The design of origami for engineering applications relies heavily on mathematics [00:10:55]. Understanding the curvature and coupling of lines and bends requires mathematical methods [00:11:01].

• Crease Patterns: Mathematical approaches allow for the representation of an origami design as a “crease pattern,” which is a plan for how to fold a specific object [00:12:08].

• Circle Packing Method: For designs that can be represented as a stick figure (e.g., a scorpion with claws, legs, and a tail), the circle packing method is used [00:12:21] [00:13:27]. This abstract concept involves:

  1. Representing each feature (claw, leg, tail) as a circular region [00:12:28].
  2. Arranging these circles on a square sheet of paper, similar to packing balls into a box [00:12:44].
  3. The arrangement of these circles forms the “skeleton” of the crease pattern [00:13:17].
  4. Geometric rules are then applied to construct the full crease pattern, such as drawing lines between circle centers and adding “ridge folds” where lines meet [00:13:22] [00:13:32].
  5. This systematic process ensures the folded pattern will produce the exact desired shape [00:14:15].

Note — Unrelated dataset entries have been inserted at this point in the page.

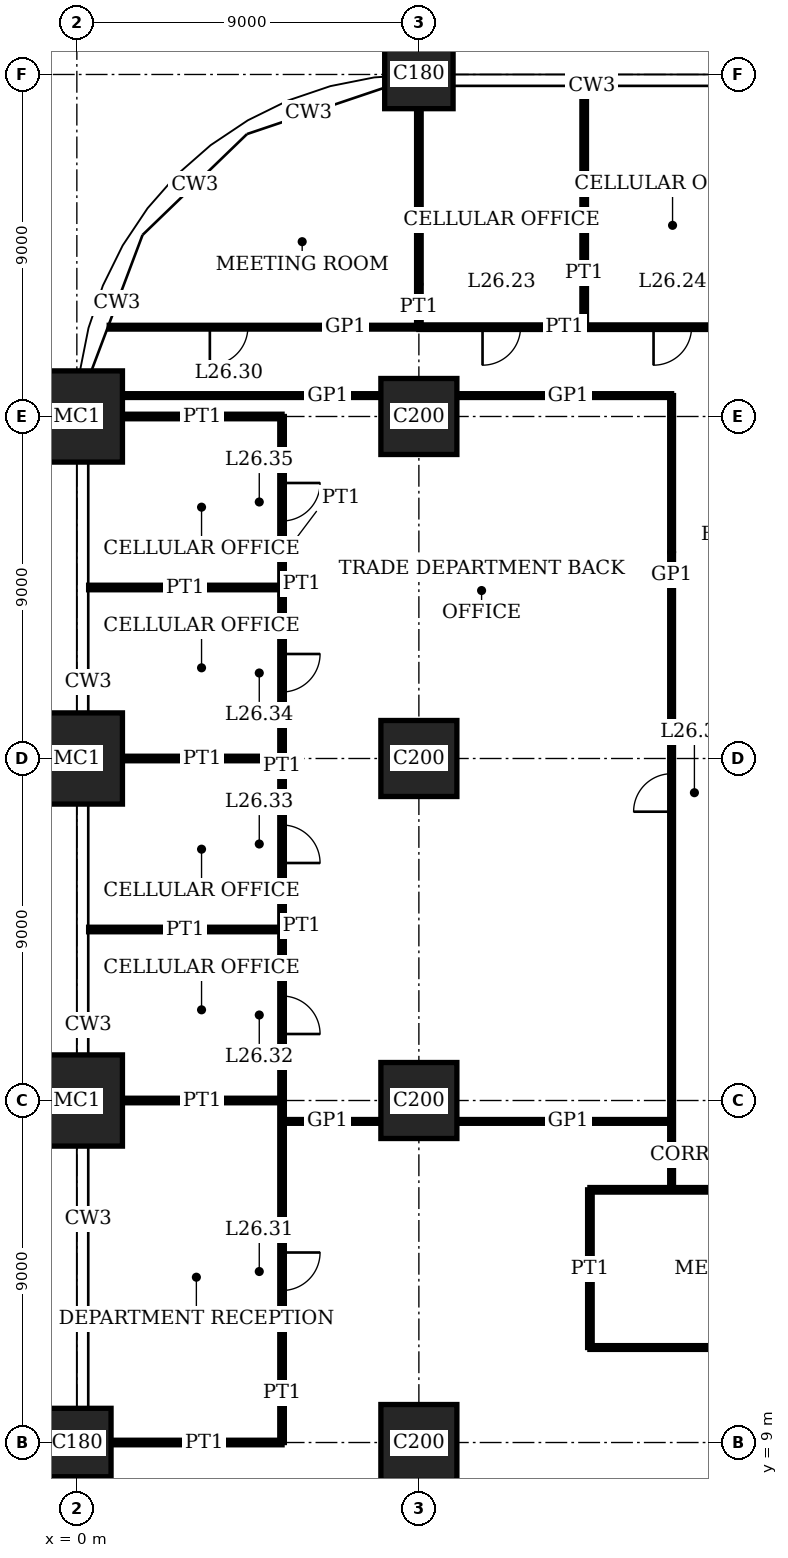
"""IFC4 building model, lengths in metres.
Left out: names, types, materials, properties, quantities, classifications, styles, units other than length and angle.
Written with IfcOpenShell. Run it as: python <this file> out.ifc"""

import sys

from ifc_helpers import new_model, si_unit, direction, frame, frame_2d, origin, origin_2d, place, context, subcontext, project, spatial, rectangle, extrude, element, fill, save


model = new_model("IFC4")
c1 = context("Model", 3, precision=1e-05, world=origin(), true_north=direction((0.0, 1.0)))
c2 = subcontext(c1, "Body", "Model", "MODEL_VIEW")
j1 = project(units=[si_unit("LENGTHUNIT", "METRE"), si_unit("PLANEANGLEUNIT", "RADIAN")], contexts=[c1])
p1 = place(None, origin())
s1 = spatial("IfcSite", under=j1, at=p1, CompositionType="ELEMENT")
p2 = place(p1, origin())
s2 = spatial("IfcBuilding", under=s1, at=p2, CompositionType="ELEMENT")
p3 = place(p2, frame((0.0, 0.0, 109.0)))
s3 = spatial("IfcBuildingStorey", under=s2, at=p3, CompositionType="ELEMENT", Elevation=109.0)
p4 = place(p3, frame((0.0, 9.0, 0.0), z_axis=(0.0, 0.0, 1.0), x_axis=(1.0, 0.0, 0.0)))
e1 = element("IfcColumn", 1, at=p4, inside=s3, PredefinedType="COLUMN", context=c2, shape_type="SweptSolid", body=[
    extrude(rectangle(XDim=1.8, YDim=1.8, at=origin_2d()), origin(), (0.0, 0.0, 1.0), 4.0),
])
for number, where, z_axis, x_axis in (
    (2, (0.0, 18.0, 0.0), (0.0, 0.0, 1.0), (1.0, 0.0, 0.0)),
    (3, (0.0, 27.0, 0.0), (0.0, 0.0, 1.0), (1.0, 0.0, 0.0)),
    (4, (0.0, 36.0, 0.0), (0.0, 0.0, 1.0), (1.0, 0.0, 0.0)),
):
    element("IfcColumn", number, at=place(p3, frame(where, z_axis=z_axis, x_axis=x_axis)), inside=s3, PredefinedType="COLUMN", context=c2, shape_type="SweptSolid", body=[
        extrude(rectangle(XDim=2.4, YDim=2.4, at=origin_2d()), origin(), (0.0, 0.0, 1.0), 4.0),
    ])
for number, where, z_axis, x_axis in (
    (5, (9.0, 9.0, 0.0), (0.0, 0.0, 1.0), (1.0, 0.0, 0.0)),
    (6, (9.0, 18.0, 0.0), (0.0, 0.0, 1.0), (1.0, 0.0, 0.0)),
    (7, (9.0, 27.0, 0.0), (0.0, 0.0, 1.0), (1.0, 0.0, 0.0)),
    (8, (9.0, 36.0, 0.0), (0.0, 0.0, 1.0), (1.0, 0.0, 0.0)),
):
    element("IfcColumn", number, at=place(p3, frame(where, z_axis=z_axis, x_axis=x_axis)), inside=s3, PredefinedType="COLUMN", context=c2, shape_type="SweptSolid", body=[
        extrude(rectangle(XDim=2.0, YDim=2.0, at=origin_2d()), origin(), (0.0, 0.0, 1.0), 4.0),
    ])
p5 = place(p3, frame((9.0, 45.0, 0.0), z_axis=(0.0, 0.0, 1.0), x_axis=(1.0, 0.0, 0.0)))
e9 = element("IfcColumn", 9, at=p5, inside=s3, PredefinedType="COLUMN", context=c2, shape_type="SweptSolid", body=[
    extrude(rectangle(XDim=1.8, YDim=1.8, at=origin_2d()), origin(), (0.0, 0.0, 1.0), 4.0),
])
p6 = place(p3, frame((0.9, 9.0, 0.0), z_axis=(0.0, 0.0, 1.0), x_axis=(1.0, 0.0, 0.0)))
e10 = element("IfcWall", 10, at=p6, inside=s3, PredefinedType="PARTITIONING", context=c2, shape_type="SweptSolid", body=[
    extrude(rectangle(XDim=4.5, YDim=0.12, at=frame_2d((2.25, 0.0))), origin(), (0.0, 0.0, 1.0), 3.05),
])
p7 = place(p3, frame((13.5, 11.5, 0.0), z_axis=(0.0, 0.0, 1.0), x_axis=(1.0, 0.0, 0.0)))
e11 = element("IfcWall", 11, at=p7, inside=s3, PredefinedType="PARTITIONING", context=c2, shape_type="SweptSolid", body=[
    extrude(rectangle(XDim=9.0, YDim=0.1, at=frame_2d((4.5, 0.0))), origin(), (0.0, 0.0, 1.0), 3.75),
])
p8 = place(p7, frame((4.0, 0.0, 0.0)))
e12 = element("IfcOpeningElement", 12, at=p8, cuts=e11, PredefinedType="OPENING", context=c2, shape_type="SweptSolid", body=[
    extrude(rectangle(XDim=1.0, YDim=2.4, at=frame_2d((0.5, 1.2))), frame((0.0, 0.06, 0.0), z_axis=(0.0, -1.0, 0.0), x_axis=(1.0, 0.0, 0.0)), (0.0, 0.0, 1.0), 0.12),
])
p9 = place(p3, frame((13.5, 15.65, 0.0), z_axis=(0.0, 0.0, 1.0), x_axis=(1.0, 0.0, 0.0)))
e13 = element("IfcWall", 13, at=p9, inside=s3, PredefinedType="PARTITIONING", context=c2, shape_type="SweptSolid", body=[
    extrude(rectangle(XDim=9.0, YDim=0.12, at=frame_2d((4.5, 0.0))), origin(), (0.0, 0.0, 1.0), 3.75),
])
p10 = place(p3, frame((5.39, 17.45, 0.0), z_axis=(0.0, 0.0, 1.0), x_axis=(1.0, 0.0, 0.0)))
e14 = element("IfcWall", 14, at=p10, inside=s3, PredefinedType="PARTITIONING", context=c2, shape_type="SweptSolid", body=[
    extrude(rectangle(XDim=2.61, YDim=0.1, at=frame_2d((1.305, 0.0))), origin(), (0.0, 0.0, 1.0), 3.75),
])
p11 = place(p3, frame((10.0, 17.45, 0.0), z_axis=(0.0, 0.0, 1.0), x_axis=(1.0, 0.0, 0.0)))
e15 = element("IfcWall", 15, at=p11, inside=s3, PredefinedType="PARTITIONING", context=c2, shape_type="SweptSolid", body=[
    extrude(rectangle(XDim=5.65, YDim=0.1, at=frame_2d((2.825, 0.0))), origin(), (0.0, 0.0, 1.0), 3.75),
])
p12 = place(p3, frame((1.2, 18.0, 0.0), z_axis=(0.0, 0.0, 1.0), x_axis=(1.0, 0.0, 0.0)))
e16 = element("IfcWall", 16, at=p12, inside=s3, PredefinedType="PARTITIONING", context=c2, shape_type="SweptSolid", body=[
    extrude(rectangle(XDim=4.2, YDim=0.12, at=frame_2d((2.1, 0.0))), origin(), (0.0, 0.0, 1.0), 3.05),
])
p13 = place(p3, frame((0.31, 22.5, 0.0), z_axis=(0.0, 0.0, 1.0), x_axis=(1.0, 0.0, 0.0)))
e17 = element("IfcWall", 17, at=p13, inside=s3, PredefinedType="PARTITIONING", context=c2, shape_type="SweptSolid", body=[
    extrude(rectangle(XDim=5.09, YDim=0.12, at=frame_2d((2.545, 0.0))), origin(), (0.0, 0.0, 1.0), 3.1),
])
p14 = place(p3, frame((1.2, 27.0, 0.0), z_axis=(0.0, 0.0, 1.0), x_axis=(1.0, 0.0, 0.0)))
e18 = element("IfcWall", 18, at=p14, inside=s3, PredefinedType="PARTITIONING", context=c2, shape_type="SweptSolid", body=[
    extrude(rectangle(XDim=4.2, YDim=0.12, at=frame_2d((2.1, 0.0))), origin(), (0.0, 0.0, 1.0), 3.05),
])
p15 = place(p3, frame((0.31, 31.5, 0.0), z_axis=(0.0, 0.0, 1.0), x_axis=(1.0, 0.0, 0.0)))
e19 = element("IfcWall", 19, at=p15, inside=s3, PredefinedType="PARTITIONING", context=c2, shape_type="SweptSolid", body=[
    extrude(rectangle(XDim=5.09, YDim=0.12, at=frame_2d((2.545, 0.0))), origin(), (0.0, 0.0, 1.0), 3.1),
])
p16 = place(p3, frame((1.2, 36.0, 0.0), z_axis=(0.0, 0.0, 1.0), x_axis=(1.0, 0.0, 0.0)))
e20 = element("IfcWall", 20, at=p16, inside=s3, PredefinedType="PARTITIONING", context=c2, shape_type="SweptSolid", body=[
    extrude(rectangle(XDim=4.2, YDim=0.12, at=frame_2d((2.1, 0.0))), origin(), (0.0, 0.0, 1.0), 3.05),
])
p17 = place(p3, frame((1.2, 36.55, 0.0), z_axis=(0.0, 0.0, 1.0), x_axis=(1.0, 0.0, 0.0)))
e21 = element("IfcWall", 21, at=p17, inside=s3, PredefinedType="PARTITIONING", context=c2, shape_type="SweptSolid", body=[
    extrude(rectangle(XDim=6.8, YDim=0.1, at=frame_2d((3.4, 0.0))), origin(), (0.0, 0.0, 1.0), 3.75),
])
p18 = place(p3, frame((10.0, 36.55, 0.0), z_axis=(0.0, 0.0, 1.0), x_axis=(1.0, 0.0, 0.0)))
e22 = element("IfcWall", 22, at=p18, inside=s3, PredefinedType="PARTITIONING", context=c2, shape_type="SweptSolid", body=[
    extrude(rectangle(XDim=5.65, YDim=0.1, at=frame_2d((2.825, 0.0))), origin(), (0.0, 0.0, 1.0), 3.75),
])
p19 = place(p3, frame((9.0, 38.35, 0.0), z_axis=(0.0, 0.0, 1.0), x_axis=(1.0, 0.0, 0.0)))
e23 = element("IfcWall", 23, at=p19, inside=s3, PredefinedType="PARTITIONING", context=c2, shape_type="SweptSolid", body=[
    extrude(rectangle(XDim=4.35, YDim=0.12, at=frame_2d((2.175, 0.0))), origin(), (0.0, 0.0, 1.0), 3.75),
])
p20 = place(p19, frame((1.675, 0.0, 0.0)))
e24 = element("IfcOpeningElement", 24, at=p20, cuts=e23, PredefinedType="OPENING", context=c2, shape_type="SweptSolid", body=[
    extrude(rectangle(XDim=1.0, YDim=2.4, at=frame_2d((0.5, 1.2))), frame((0.0, 0.07, 0.0), z_axis=(0.0, -1.0, 0.0), x_axis=(1.0, 0.0, 0.0)), (0.0, 0.0, 1.0), 0.14),
])
p21 = place(p3, frame((13.35, 38.35, 0.0), z_axis=(0.0, 0.0, 1.0), x_axis=(1.0, 0.0, 0.0)))
e25 = element("IfcWall", 25, at=p21, inside=s3, PredefinedType="PARTITIONING", context=c2, shape_type="SweptSolid", body=[
    extrude(rectangle(XDim=4.65, YDim=0.12, at=frame_2d((2.325, 0.0))), origin(), (0.0, 0.0, 1.0), 3.75),
])
p22 = place(p21, frame((1.825, 0.0, 0.0)))
e26 = element("IfcOpeningElement", 26, at=p22, cuts=e25, PredefinedType="OPENING", context=c2, shape_type="SweptSolid", body=[
    extrude(rectangle(XDim=1.0, YDim=2.4, at=frame_2d((0.5, 1.2))), frame((0.0, 0.07, 0.0), z_axis=(0.0, -1.0, 0.0), x_axis=(1.0, 0.0, 0.0)), (0.0, 0.0, 1.0), 0.14),
])
p23 = place(p3, frame((0.852, 38.35, 0.0), z_axis=(0.0, 0.0, 1.0), x_axis=(1.0, 0.0, 0.0)))
e27 = element("IfcWall", 27, at=p23, inside=s3, PredefinedType="PARTITIONING", context=c2, shape_type="SweptSolid", body=[
    extrude(rectangle(XDim=8.148, YDim=0.1, at=frame_2d((4.074, 0.0))), origin(), (0.0, 0.0, 1.0), 3.75),
])
p24 = place(p23, frame((2.648, 0.0, 0.0)))
e28 = element("IfcOpeningElement", 28, at=p24, cuts=e27, PredefinedType="OPENING", context=c2, shape_type="SweptSolid", body=[
    extrude(rectangle(XDim=1.0, YDim=2.4, at=frame_2d((0.5, 1.2))), frame((0.0, 0.06, 0.0), z_axis=(0.0, -1.0, 0.0), x_axis=(1.0, 0.0, 0.0)), (0.0, 0.0, 1.0), 0.12),
])
p25 = place(p3, frame((5.4, 9.0, 0.0), z_axis=(0.0, 0.0, 1.0), x_axis=(0.0, 1.0, 0.0)))
e29 = element("IfcWall", 29, at=p25, inside=s3, PredefinedType="PARTITIONING", context=c2, shape_type="SweptSolid", body=[
    extrude(rectangle(XDim=9.0, YDim=0.12, at=frame_2d((4.5, 0.0))), origin(), (0.0, 0.0, 1.0), 3.75),
])
p26 = place(p25, frame((4.0, 0.0, 0.0)))
e30 = element("IfcOpeningElement", 30, at=p26, cuts=e29, PredefinedType="OPENING", context=c2, shape_type="SweptSolid", body=[
    extrude(rectangle(XDim=1.0, YDim=2.4, at=frame_2d((0.5, 1.2))), frame((0.0, 0.07, 0.0), z_axis=(0.0, -1.0, 0.0), x_axis=(1.0, 0.0, 0.0)), (0.0, 0.0, 1.0), 0.14),
])
p27 = place(p3, frame((5.4, 18.0, 0.0), z_axis=(0.0, 0.0, 1.0), x_axis=(0.0, 1.0, 0.0)))
e31 = element("IfcWall", 31, at=p27, inside=s3, PredefinedType="PARTITIONING", context=c2, shape_type="SweptSolid", body=[
    extrude(rectangle(XDim=4.5, YDim=0.12, at=frame_2d((2.25, 0.0))), origin(), (0.0, 0.0, 1.0), 3.75),
])
p28 = place(p27, frame((1.75, 0.0, 0.0)))
e32 = element("IfcOpeningElement", 32, at=p28, cuts=e31, PredefinedType="OPENING", context=c2, shape_type="SweptSolid", body=[
    extrude(rectangle(XDim=1.0, YDim=2.4, at=frame_2d((0.5, 1.2))), frame((0.0, 0.07, 0.0), z_axis=(0.0, -1.0, 0.0), x_axis=(1.0, 0.0, 0.0)), (0.0, 0.0, 1.0), 0.14),
])
p29 = place(p3, frame((5.4, 22.5, 0.0), z_axis=(0.0, 0.0, 1.0), x_axis=(0.0, 1.0, 0.0)))
e33 = element("IfcWall", 33, at=p29, inside=s3, PredefinedType="PARTITIONING", context=c2, shape_type="SweptSolid", body=[
    extrude(rectangle(XDim=4.5, YDim=0.12, at=frame_2d((2.25, 0.0))), origin(), (0.0, 0.0, 1.0), 3.75),
])
p30 = place(p29, frame((1.75, 0.0, 0.0)))
e34 = element("IfcOpeningElement", 34, at=p30, cuts=e33, PredefinedType="OPENING", context=c2, shape_type="SweptSolid", body=[
    extrude(rectangle(XDim=1.0, YDim=2.4, at=frame_2d((0.5, 1.2))), frame((0.0, 0.07, 0.0), z_axis=(0.0, -1.0, 0.0), x_axis=(1.0, 0.0, 0.0)), (0.0, 0.0, 1.0), 0.14),
])
p31 = place(p3, frame((5.4, 27.0, 0.0), z_axis=(0.0, 0.0, 1.0), x_axis=(0.0, 1.0, 0.0)))
e35 = element("IfcWall", 35, at=p31, inside=s3, PredefinedType="PARTITIONING", context=c2, shape_type="SweptSolid", body=[
    extrude(rectangle(XDim=4.5, YDim=0.12, at=frame_2d((2.25, 0.0))), origin(), (0.0, 0.0, 1.0), 3.75),
])
p32 = place(p31, frame((1.75, 0.0, 0.0)))
e36 = element("IfcOpeningElement", 36, at=p32, cuts=e35, PredefinedType="OPENING", context=c2, shape_type="SweptSolid", body=[
    extrude(rectangle(XDim=1.0, YDim=2.4, at=frame_2d((0.5, 1.2))), frame((0.0, 0.07, 0.0), z_axis=(0.0, -1.0, 0.0), x_axis=(1.0, 0.0, 0.0)), (0.0, 0.0, 1.0), 0.14),
])
p33 = place(p3, frame((5.4, 31.5, 0.0), z_axis=(0.0, 0.0, 1.0), x_axis=(0.0, 1.0, 0.0)))
e37 = element("IfcWall", 37, at=p33, inside=s3, PredefinedType="PARTITIONING", context=c2, shape_type="SweptSolid", body=[
    extrude(rectangle(XDim=4.5, YDim=0.12, at=frame_2d((2.25, 0.0))), origin(), (0.0, 0.0, 1.0), 3.75),
])
p34 = place(p33, frame((1.75, 0.0, 0.0)))
e38 = element("IfcOpeningElement", 38, at=p34, cuts=e37, PredefinedType="OPENING", context=c2, shape_type="SweptSolid", body=[
    extrude(rectangle(XDim=1.0, YDim=2.4, at=frame_2d((0.5, 1.2))), frame((0.0, 0.07, 0.0), z_axis=(0.0, -1.0, 0.0), x_axis=(1.0, 0.0, 0.0)), (0.0, 0.0, 1.0), 0.14),
])
p35 = place(p3, frame((9.0, 38.35, 0.0), z_axis=(0.0, 0.0, 1.0), x_axis=(0.0, 1.0, 0.0)))
e39 = element("IfcWall", 39, at=p35, inside=s3, PredefinedType="PARTITIONING", context=c2, shape_type="SweptSolid", body=[
    extrude(rectangle(XDim=5.75, YDim=0.12, at=frame_2d((2.875, 0.0))), origin(), (0.0, 0.0, 1.0), 3.05),
])
p36 = place(p3, frame((13.35, 38.35, 0.0), z_axis=(0.0, 0.0, 1.0), x_axis=(0.0, 1.0, 0.0)))
e40 = element("IfcWall", 40, at=p36, inside=s3, PredefinedType="PARTITIONING", context=c2, shape_type="SweptSolid", body=[
    extrude(rectangle(XDim=6.34, YDim=0.12, at=frame_2d((3.17, 0.0))), origin(), (0.0, 0.0, 1.0), 3.75),
])
p37 = place(p3, frame((13.5, 11.5, 0.0), z_axis=(0.0, 0.0, 1.0), x_axis=(0.0, 1.0, 0.0)))
e41 = element("IfcWall", 41, at=p37, inside=s3, PredefinedType="PARTITIONING", context=c2, shape_type="SweptSolid", body=[
    extrude(rectangle(XDim=4.15, YDim=0.12, at=frame_2d((2.075, 0.0))), origin(), (0.0, 0.0, 1.0), 3.75),
])
p38 = place(p3, frame((15.65, 15.65, 0.0), z_axis=(0.0, 0.0, 1.0), x_axis=(0.0, 1.0, 0.0)))
e42 = element("IfcWall", 42, at=p38, inside=s3, PredefinedType="PARTITIONING", context=c2, shape_type="SweptSolid", body=[
    extrude(rectangle(XDim=20.9, YDim=0.1, at=frame_2d((10.45, 0.0))), origin(), (0.0, 0.0, 1.0), 3.75),
])
p39 = place(p38, frame((9.95, 0.0, 0.0)))
e43 = element("IfcOpeningElement", 43, at=p39, cuts=e42, PredefinedType="OPENING", context=c2, shape_type="SweptSolid", body=[
    extrude(rectangle(XDim=1.0, YDim=2.4, at=frame_2d((0.5, 1.2))), frame((0.0, 0.06, 0.0), z_axis=(0.0, -1.0, 0.0), x_axis=(1.0, 0.0, 0.0)), (0.0, 0.0, 1.0), 0.12),
])
p40 = place(p20, origin())
e44 = element("IfcDoor", 44, at=p40, inside=s3, OperationType="SINGLE_SWING_LEFT", PredefinedType="DOOR", context=c2, shape_type="SweptSolid", body=[
    extrude(rectangle(XDim=1.0, YDim=2.4, at=frame_2d((0.5, 1.2))), frame((0.0, 0.025, 0.0), z_axis=(0.0, -1.0, 0.0), x_axis=(1.0, 0.0, 0.0)), (0.0, 0.0, 1.0), 0.05),
])
fill(e24, e44)
p41 = place(p22, origin())
e45 = element("IfcDoor", 45, at=p41, inside=s3, OperationType="SINGLE_SWING_LEFT", PredefinedType="DOOR", context=c2, shape_type="SweptSolid", body=[
    extrude(rectangle(XDim=1.0, YDim=2.4, at=frame_2d((0.5, 1.2))), frame((0.0, 0.025, 0.0), z_axis=(0.0, -1.0, 0.0), x_axis=(1.0, 0.0, 0.0)), (0.0, 0.0, 1.0), 0.05),
])
fill(e26, e45)
p42 = place(p24, origin())
e46 = element("IfcDoor", 46, at=p42, inside=s3, OperationType="SINGLE_SWING_LEFT", PredefinedType="DOOR", context=c2, shape_type="SweptSolid", body=[
    extrude(rectangle(XDim=1.0, YDim=2.4, at=frame_2d((0.5, 1.2))), frame((0.0, 0.02, 0.0), z_axis=(0.0, -1.0, 0.0), x_axis=(1.0, 0.0, 0.0)), (0.0, 0.0, 1.0), 0.04),
])
fill(e28, e46)
p43 = place(p26, origin())
e47 = element("IfcDoor", 47, at=p43, inside=s3, OperationType="SINGLE_SWING_RIGHT", PredefinedType="DOOR", context=c2, shape_type="SweptSolid", body=[
    extrude(rectangle(XDim=1.0, YDim=2.4, at=frame_2d((0.5, 1.2))), frame((0.0, 0.025, 0.0), z_axis=(0.0, -1.0, 0.0), x_axis=(1.0, 0.0, 0.0)), (0.0, 0.0, 1.0), 0.05),
])
fill(e30, e47)
p44 = place(p28, origin())
e48 = element("IfcDoor", 48, at=p44, inside=s3, OperationType="SINGLE_SWING_LEFT", PredefinedType="DOOR", context=c2, shape_type="SweptSolid", body=[
    extrude(rectangle(XDim=1.0, YDim=2.4, at=frame_2d((0.5, 1.2))), frame((0.0, 0.025, 0.0), z_axis=(0.0, -1.0, 0.0), x_axis=(1.0, 0.0, 0.0)), (0.0, 0.0, 1.0), 0.05),
])
fill(e32, e48)
p45 = place(p30, origin())
e49 = element("IfcDoor", 49, at=p45, inside=s3, OperationType="SINGLE_SWING_LEFT", PredefinedType="DOOR", context=c2, shape_type="SweptSolid", body=[
    extrude(rectangle(XDim=1.0, YDim=2.4, at=frame_2d((0.5, 1.2))), frame((0.0, 0.025, 0.0), z_axis=(0.0, -1.0, 0.0), x_axis=(1.0, 0.0, 0.0)), (0.0, 0.0, 1.0), 0.05),
])
fill(e34, e49)
p46 = place(p32, origin())
e50 = element("IfcDoor", 50, at=p46, inside=s3, OperationType="SINGLE_SWING_RIGHT", PredefinedType="DOOR", context=c2, shape_type="SweptSolid", body=[
    extrude(rectangle(XDim=1.0, YDim=2.4, at=frame_2d((0.5, 1.2))), frame((0.0, 0.025, 0.0), z_axis=(0.0, -1.0, 0.0), x_axis=(1.0, 0.0, 0.0)), (0.0, 0.0, 1.0), 0.05),
])
fill(e36, e50)
p47 = place(p34, origin())
e51 = element("IfcDoor", 51, at=p47, inside=s3, OperationType="SINGLE_SWING_RIGHT", PredefinedType="DOOR", context=c2, shape_type="SweptSolid", body=[
    extrude(rectangle(XDim=1.0, YDim=2.4, at=frame_2d((0.5, 1.2))), frame((0.0, 0.025, 0.0), z_axis=(0.0, -1.0, 0.0), x_axis=(1.0, 0.0, 0.0)), (0.0, 0.0, 1.0), 0.05),
])
fill(e38, e51)
p48 = place(p39, origin())
e52 = element("IfcDoor", 52, at=p48, inside=s3, OperationType="SINGLE_SWING_RIGHT", PredefinedType="DOOR", context=c2, shape_type="SweptSolid", body=[
    extrude(rectangle(XDim=1.0, YDim=2.4, at=frame_2d((0.5, 1.2))), frame((0.0, 0.02, 0.0), z_axis=(0.0, -1.0, 0.0), x_axis=(1.0, 0.0, 0.0)), (0.0, 0.0, 1.0), 0.04),
])
fill(e43, e52)
save(model, sys.argv[1])

• Origamizer Algorithm: For more complex, surface-like shapes (e.g., a sphere or an elephant’s body), a Japanese mathematician named Tomohiro Tachi developed an algorithm called “Origamizer” around 10 years ago [00:15:07] [00:15:25]. This algorithm takes a triangulated surface as a mathematical description and outputs the folding pattern to create that surface from a sheet of material [00:15:16].

In essence, origami-inspired technology leverages centuries of folding experimentation, combined with rigorous mathematical modeling and experimentation, to develop innovative practical solutions [00:16:11] [00:16:20].